Regarding memory usage, R is using a pass-by-value paradigm while Python is using pass-by-reference. Pass-by-value can lead to more "intuitive" code, pass-by-reference can help optimize memory usage. Numpy also allows to have "views" on arrays (kind of subarrays without a copy being made).
Regarding speed, pure Python is faster than pure R for accessing individual elements in an array, but this advantage disappears when dealing with numpy arrays (benchmark). Fortunately, Cython lets one get serious speed improvements easily.
If working with Big Data, I find the support for storage-based arrays better with Python (HDF5).
I am not sure you should ditch one for the other but rpy2 can help you explore your options about a possible transition (arrays can be shuttled between R and Numpy without a copy being made).

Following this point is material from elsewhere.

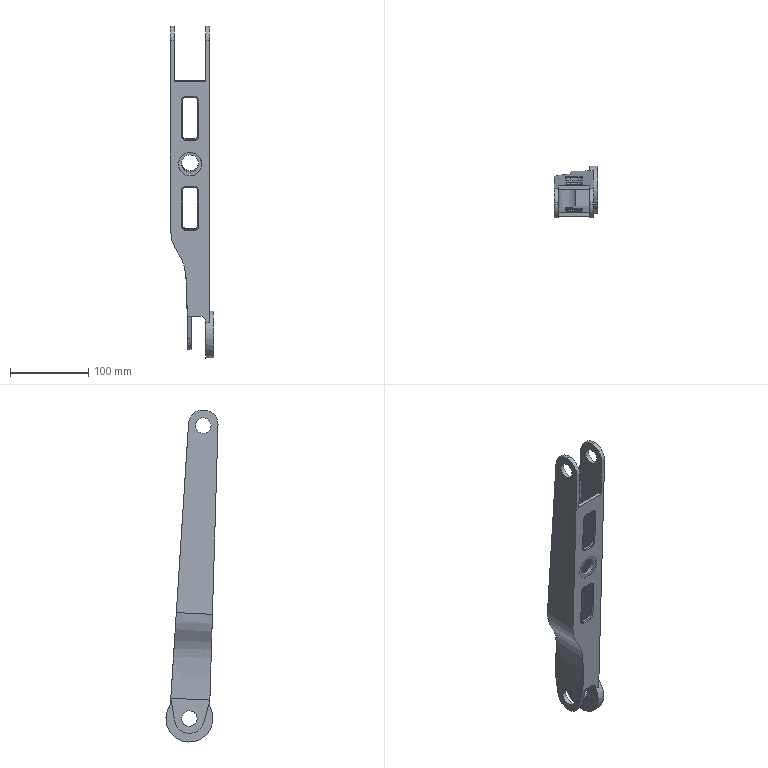Component | NX | CCJ-004 | 1 solid | 133 faces | volume 271570 mm3 | cylinder 62 | plane 37 | spline 33 | other 1 | commonest cylinder face diameters 2 x32 10 x16 20 x4 36 x4 22 x2 38.275 x1 16 x1 60 x1

I use NumPy daily and R nearly so.
For heavy number crunching, i prefer NumPy to R by a large margin (including R packages, like 'Matrix') I find the syntax cleaner, the function set larger, and computation is quicker (although i don't find R slow by any means). NumPy's Broadcasting functionality for instance, i do not think has an analog in R.
For instance, to read in a data set from a csv file and 'normalize' it for input to an ML algorithm (e.g., mean center then re-scale each dimension) requires just this:
data = NP.loadtxt(data1, delimiter=",") # 'data' is a NumPy array
data -= NP.mean(data, axis=0)
data /= NP.max(data, axis=0)
Also, i find that when coding ML algorithms, i need data structures that i can operate on element-wise and that also understand linear algebra (e.g., matrix multiplication, transpose, etc.). NumPy gets this and allows you to create these hybrid structures easily (no operator overloading or subclassing, etc.).
You won't be disappointed by NumPy/SciPy, more likely you'll be amazed.
So, a few recommendations--in general and in particular, given the facts in your question:
install both NumPy and Scipy. As a rough guide, NumPy provides the
core data structures (in particular
the ndarray) and SciPy (which is
actually several times larger than
NumPy) provides the domain-specific
functions (e.g., statistics, signal
processing, integration).
install the repository versions, particularly w/r/t NumPy because the
dev version is 2.0. Matplotlib and NumPy are tightly integrated, you can use one without the other of course, but both are the best in their respective class among python libraries. You can get all three via easy_install, which i assume you already.
NumPy/SciPy have several modules
specifically directed to Machine
Learning/Statistics, including the Clustering package and the Statistics package.
As well as packages directed to
general computation, but which are
make coding ML algorithms a lot
faster, in particular,
Optimization and Linear Algebra.
There are also the SciKits, not included in the base NumPy or
SciPy libraries; you need to install them separately.
Generally speaking, each SciKit is a
set of convenience wrappers to
streamline coding in a given domain. The SciKits you are likely to find most relevant are: ann (approximate Nearest Neighbor), and learn (a set of ML/Statistics regression and classification algorithms, e.g., Logistic Regression, Multi-Layer Perceptron, Support Vector Machine).